The atypical cortical structure in the autistic brain is suggested to result in monotropic processing (Murray et al., 2005) this is the ability to only process one sphere of attention or stimulation at a time. In a typical environment there will be multiple and competing sensory stimuli, where an autistic person is unable to filter this stimuli, the result is frequently an assault on the senses which can overwhelm a person’s processing capacity (Caldwell, 2014). Frugone (in Biklen and Attfield, 2005 p. 266) describes that he “…becomes wooden immediately upon thinking about the act of touching something; it is as if the thought of the action renders him a statue” other individuals have described how the need to focus on processing receptive or expressive language can render other processing inert (Murray et al., 2005, Biklen and Attfield, 2005, Higashida, 2017). Caldwell (2014) and Goldschmidt (2017) also observe the heightened sensitivity which can result not only in discomfort and intolerance of the offending stimuli, but also in pain. May (2019a) suggests that many autistic people experience the sensory sensitivities noted in the DSM-5 as pain, hence the ‘extreme distress’. Growing awareness and research around sensory differences and a young person’s sensory experience of the physical world, informs our understanding of the challenges they face and many of the behaviours they present and the implications for communicative interactions (Wigham et al., 2015a, Stewart et al., 2016, Liss et al., 2008, Liss et al., 2006).

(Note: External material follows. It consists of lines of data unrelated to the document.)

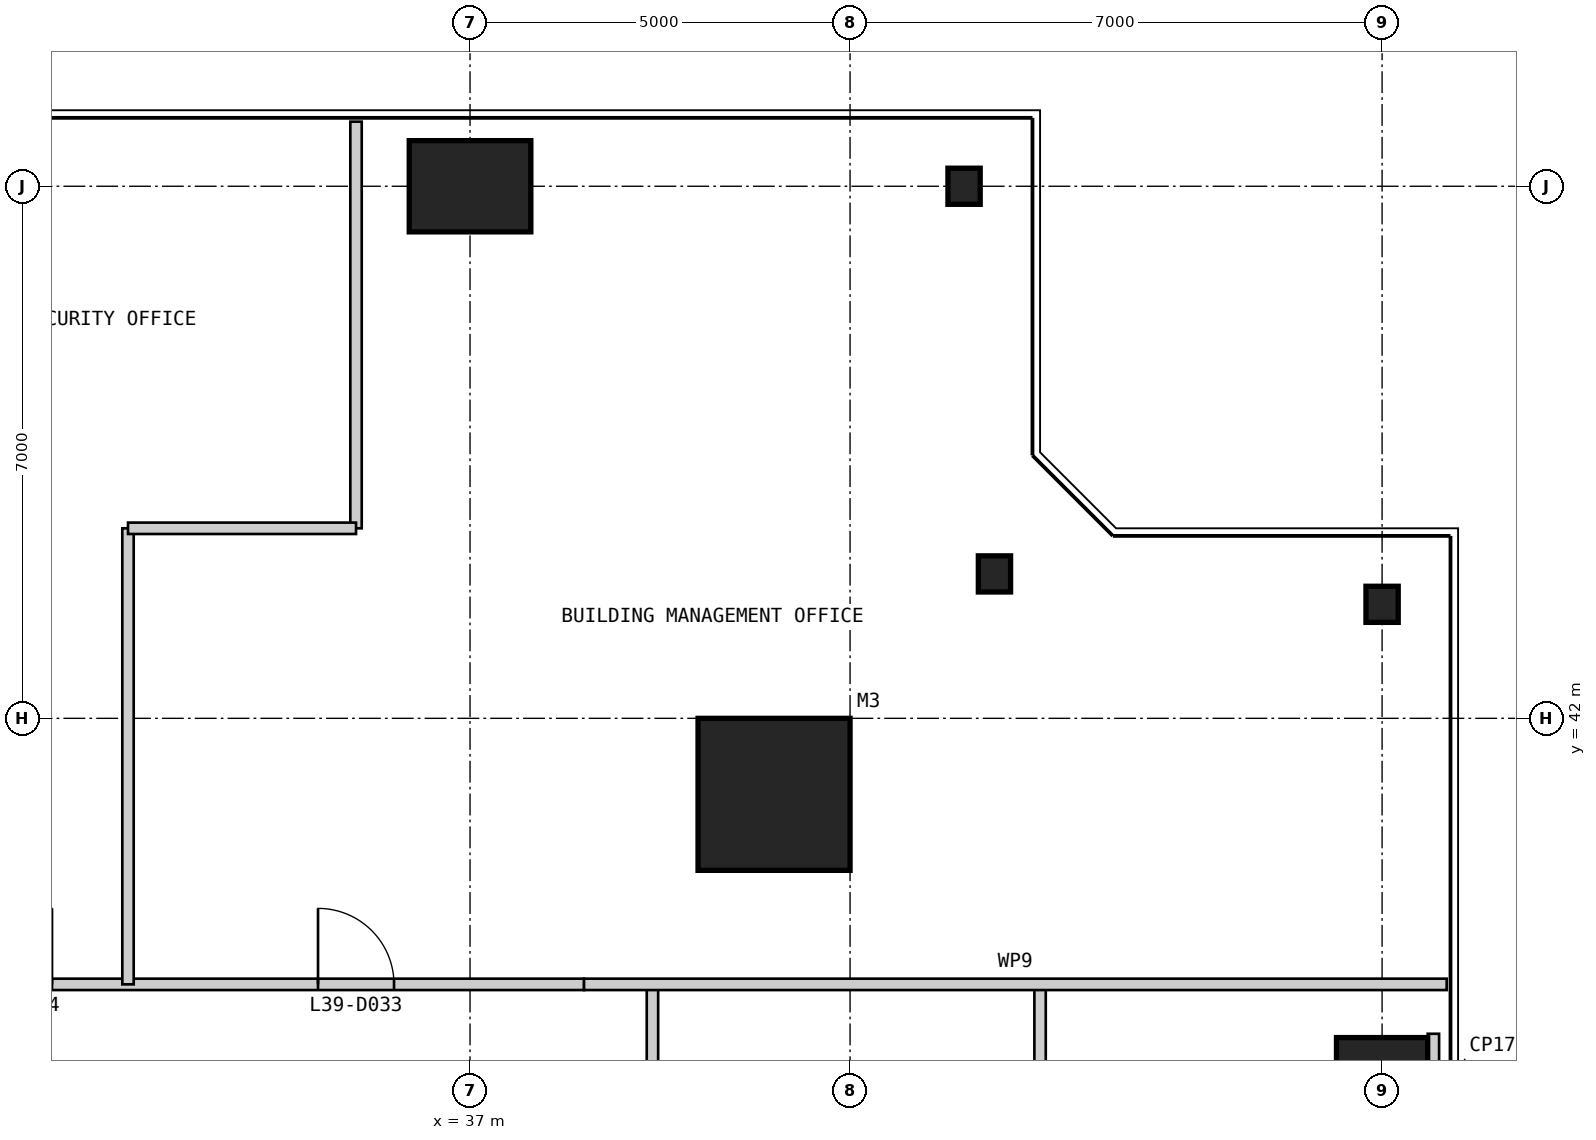
"""IFC4 building model, lengths in metres.
Left out: names, types, materials, properties, quantities, classifications, styles, units other than length and angle.
Written with IfcOpenShell. Run it as: python <this file> out.ifc"""

import sys

from ifc_helpers import new_model, si_unit, direction, frame, frame_2d, origin, origin_2d, place, context, subcontext, project, spatial, rectangle, i_section, extrude, element, fill, save


model = new_model("IFC4")
c1 = context("Model", 3, precision=1e-05, world=origin(), true_north=direction((0.0, 1.0)))
c2 = subcontext(c1, "Body", "Model", "MODEL_VIEW")
j1 = project(units=[si_unit("LENGTHUNIT", "METRE"), si_unit("PLANEANGLEUNIT", "RADIAN")], contexts=[c1])
p1 = place(None, origin())
s1 = spatial("IfcSite", under=j1, at=p1, CompositionType="ELEMENT")
p2 = place(p1, origin())
s2 = spatial("IfcBuilding", under=s1, at=p2, CompositionType="ELEMENT")
p3 = place(p2, frame((0.0, 0.0, 168.4)))
s3 = spatial("IfcBuildingStorey", under=s2, at=p3, CompositionType="ELEMENT", Elevation=168.4)
p4 = place(p3, frame((41.0, 41.0, 0.0), z_axis=(0.0, 0.0, 1.0), x_axis=(1.0, 0.0, 0.0)))
e1 = element("IfcColumn", 1, at=p4, inside=s3, PredefinedType="COLUMN", context=c2, shape_type="SweptSolid", body=[
    extrude(rectangle(XDim=2.0, YDim=2.0, at=origin_2d()), origin(), (0.0, 0.0, 1.0), 5.4),
])
p5 = place(p3, frame((49.0, 37.0, 0.0), z_axis=(0.0, 0.0, 1.0), x_axis=(1.0, 0.0, 0.0)))
e2 = element("IfcColumn", 2, at=p5, inside=s3, PredefinedType="COLUMN", context=c2, shape_type="SweptSolid", body=[
    extrude(rectangle(XDim=1.2, YDim=1.6, at=origin_2d()), origin(), (0.0, 0.0, 1.0), 5.4),
])
for number, where, z_axis, x_axis in (
    (3, (49.0, 43.5, 0.0), (0.0, 0.0, 1.0), (1.0, 0.0, 0.0)),
    (4, (43.9, 43.9, 0.0), (0.0, 0.0, 1.0), (1.0, 0.0, 0.0)),
    (5, (43.5, 49.0, 0.0), (0.0, 0.0, 1.0), (1.0, 0.0, 0.0)),
):
    element("IfcColumn", number, at=place(p3, frame(where, z_axis=z_axis, x_axis=x_axis)), inside=s3, PredefinedType="COLUMN", context=c2, shape_type="SweptSolid", body=[
        extrude(i_section(OverallWidth=0.424, OverallDepth=0.475, WebThickness=0.048, FlangeThickness=0.077, at=origin_2d()), origin(), (0.0, 0.0, 1.0), 5.4),
    ])
p6 = place(p3, frame((37.0, 49.0, 0.0), z_axis=(0.0, 0.0, 1.0), x_axis=(1.0, 0.0, 0.0)))
e6 = element("IfcColumn", 6, at=p6, inside=s3, PredefinedType="COLUMN", context=c2, shape_type="SweptSolid", body=[
    extrude(rectangle(XDim=1.6, YDim=1.2, at=origin_2d()), origin(), (0.0, 0.0, 1.0), 5.4),
])
p7 = place(p3, frame((39.4, 10.6, 0.0), z_axis=(0.0, 0.0, 1.0), x_axis=(0.0, 1.0, 0.0)))
e7 = element("IfcWall", 7, at=p7, inside=s3, PredefinedType="PARTITIONING", context=c2, shape_type="SweptSolid", body=[
    extrude(rectangle(XDim=27.9, YDim=0.15, at=frame_2d((13.95, 0.0))), origin(), (0.0, 0.0, 1.0), 5.25),
])
p8 = place(p7, frame((1.15, 0.0, 0.0)))
e8 = element("IfcOpeningElement", 8, at=p8, cuts=e7, PredefinedType="OPENING", context=c2, shape_type="SweptSolid", body=[
    extrude(rectangle(XDim=1.0, YDim=2.2, at=frame_2d((0.5, 1.1))), frame((0.0, 0.085, 0.0), z_axis=(0.0, -1.0, 0.0), x_axis=(1.0, 0.0, 0.0)), (0.0, 0.0, 1.0), 0.17),
])
p9 = place(p7, frame((17.65, 0.0, 0.0)))
e9 = element("IfcOpeningElement", 9, at=p9, cuts=e7, PredefinedType="OPENING", context=c2, shape_type="SweptSolid", body=[
    extrude(rectangle(XDim=1.0, YDim=2.2, at=frame_2d((0.5, 1.1))), frame((0.0, 0.085, 0.0), z_axis=(0.0, -1.0, 0.0), x_axis=(1.0, 0.0, 0.0)), (0.0, 0.0, 1.0), 0.17),
])
p10 = place(p7, frame((24.4, 0.0, 0.0)))
e10 = element("IfcOpeningElement", 10, at=p10, cuts=e7, PredefinedType="OPENING", context=c2, shape_type="SweptSolid", body=[
    extrude(rectangle(XDim=1.0, YDim=2.2, at=frame_2d((0.5, 1.1))), frame((0.0, 0.085, 0.0), z_axis=(0.0, -1.0, 0.0), x_axis=(1.0, 0.0, 0.0)), (0.0, 0.0, 1.0), 0.17),
])
p11 = place(p3, frame((44.5, 32.5, 0.0), z_axis=(0.0, 0.0, 1.0), x_axis=(0.0, 1.0, 0.0)))
e11 = element("IfcWall", 11, at=p11, inside=s3, PredefinedType="PARTITIONING", context=c2, shape_type="SweptSolid", body=[
    extrude(rectangle(XDim=6.0, YDim=0.15, at=frame_2d((3.0, 0.0))), origin(), (0.0, 0.0, 1.0), 5.25),
])
p12 = place(p3, frame((38.5, 38.5, 0.0), z_axis=(0.0, 0.0, 1.0), x_axis=(-1.0, 0.0, 0.0)))
e12 = element("IfcWall", 12, at=p12, inside=s3, PredefinedType="PARTITIONING", context=c2, shape_type="SweptSolid", body=[
    extrude(rectangle(XDim=27.0, YDim=0.15, at=frame_2d((13.5, 0.0))), origin(), (0.0, 0.0, 1.0), 5.25),
])
p13 = place(p12, frame((2.5, 0.0, 0.0)))
e13 = element("IfcOpeningElement", 13, at=p13, cuts=e12, PredefinedType="OPENING", context=c2, shape_type="SweptSolid", body=[
    extrude(rectangle(XDim=1.0, YDim=2.2, at=frame_2d((0.5, 1.1))), frame((0.0, 0.085, 0.0), z_axis=(0.0, -1.0, 0.0), x_axis=(1.0, 0.0, 0.0)), (0.0, 0.0, 1.0), 0.17),
])
p14 = place(p12, frame((7.0, 0.0, 0.0)))
e14 = element("IfcOpeningElement", 14, at=p14, cuts=e12, PredefinedType="OPENING", context=c2, shape_type="SweptSolid", body=[
    extrude(rectangle(XDim=1.0, YDim=2.2, at=frame_2d((0.5, 1.1))), frame((0.0, 0.085, 0.0), z_axis=(0.0, -1.0, 0.0), x_axis=(1.0, 0.0, 0.0)), (0.0, 0.0, 1.0), 0.17),
])
p15 = place(p12, frame((14.5, 0.0, 0.0)))
e15 = element("IfcOpeningElement", 15, at=p15, cuts=e12, PredefinedType="OPENING", context=c2, shape_type="SweptSolid", body=[
    extrude(rectangle(XDim=1.0, YDim=2.2, at=frame_2d((0.5, 1.1))), frame((0.0, 0.085, 0.0), z_axis=(0.0, -1.0, 0.0), x_axis=(1.0, 0.0, 0.0)), (0.0, 0.0, 1.0), 0.17),
])
p16 = place(p3, frame((49.85, 38.5, 0.0), z_axis=(0.0, 0.0, 1.0), x_axis=(-1.0, 0.0, 0.0)))
e16 = element("IfcWall", 16, at=p16, inside=s3, PredefinedType="PARTITIONING", context=c2, shape_type="SweptSolid", body=[
    extrude(rectangle(XDim=11.35, YDim=0.15, at=frame_2d((5.675, 0.0))), origin(), (0.0, 0.0, 1.0), 5.25),
])
p17 = place(p3, frame((35.5, 49.85, 0.0), z_axis=(0.0, 0.0, 1.0), x_axis=(0.0, -1.0, 0.0)))
e17 = element("IfcWall", 17, at=p17, inside=s3, PredefinedType="PARTITIONING", context=c2, shape_type="SweptSolid", body=[
    extrude(rectangle(XDim=5.35, YDim=0.15, at=frame_2d((2.675, 0.0))), origin(), (0.0, 0.0, 1.0), 5.25),
])
p18 = place(p3, frame((32.5, 44.5, 0.0), z_axis=(0.0, 0.0, 1.0), x_axis=(0.0, -1.0, 0.0)))
e18 = element("IfcWall", 18, at=p18, inside=s3, PredefinedType="PARTITIONING", context=c2, shape_type="SweptSolid", body=[
    extrude(rectangle(XDim=6.0, YDim=0.15, at=frame_2d((3.0, 0.0))), origin(), (0.0, 0.0, 1.0), 5.25),
])
p19 = place(p3, frame((35.5, 44.5, 0.0), z_axis=(0.0, 0.0, 1.0), x_axis=(-1.0, 0.0, 0.0)))
e19 = element("IfcWall", 19, at=p19, inside=s3, PredefinedType="PARTITIONING", context=c2, shape_type="SweptSolid", body=[
    extrude(rectangle(XDim=3.0, YDim=0.15, at=frame_2d((1.5, 0.0))), origin(), (0.0, 0.0, 1.0), 5.25),
])
p20 = place(p3, frame((49.75, 37.0, 0.0), z_axis=(0.0, 0.0, 1.0), x_axis=(-1.0, 0.0, 0.0)))
e20 = element("IfcWall", 20, at=p20, inside=s3, PredefinedType="PARTITIONING", context=c2, shape_type="SweptSolid", body=[
    extrude(rectangle(XDim=0.15, YDim=1.7, at=frame_2d((0.075, 0.0))), origin(), (0.0, 0.0, 1.0), 5.25),
])
p21 = place(p13, frame((1.0, 0.0, 0.0), z_axis=(0.0, 0.0, 1.0), x_axis=(-1.0, 0.0, 0.0)))
e21 = element("IfcDoor", 21, at=p21, inside=s3, OperationType="SINGLE_SWING_LEFT", PredefinedType="DOOR", context=c2, shape_type="SweptSolid", body=[
    extrude(rectangle(XDim=1.0, YDim=2.2, at=frame_2d((0.5, 1.1))), frame((0.0, 0.025, 0.0), z_axis=(0.0, -1.0, 0.0), x_axis=(1.0, 0.0, 0.0)), (0.0, 0.0, 1.0), 0.05),
])
fill(e13, e21)
save(model, sys.argv[1])

Autistic authors more recently have shared their sensory experiences and highlighted the importance of this sensory interaction with their environment as a meaningful
communicative interaction; a communicative interaction at a non-verbal sensory level. Baggs (2007) and Rubin (2018) both provide a personal insight to their interactions with the tactile environment through sensory interaction with the flow of water. They explain that the rhythm and sensations they experience within their sensory interactions with water offer stimulus and feedback, therefore creating a dialogue of sensory interaction. These authors present as non-verbal, as such societal perception is that they are lacking in communicative ability; that they are asocial. However, these subtle glimpses into their sensation driven interactions that they share with us in their writing, speak of other dialogues than those that would be typically perceived as communicative. Considering Yergeau’s perspective (2018), it could be argued that the rich and complex narrative that both Baggs and Rubin offer through augmented communication troubles or ‘queers’ our understanding of what is communication, suggesting “a sociality of things” (Yergeau, 2018, p.37) and experienced through sensory engagement. This concept of things being
engaged in our communitive encounters begins to suggest of the part that non-human factors and the physical environment play in our communicative interactions and that meaningful communicative or dyadic interactions are not exclusively human to human but also engage material-non-human other, an internal or intra-active sensory communication experience (Barad, 2007). Such increasing awareness of the central role of sensory stimulation and engagement in autistic experience draws new questions relating to typical understanding of communication, challenging the narrow perspectives by which traditional research and literature understands and explores communication in autism (Davidson and Orsini, 2013, Milton, 2014, Baggs, 2007).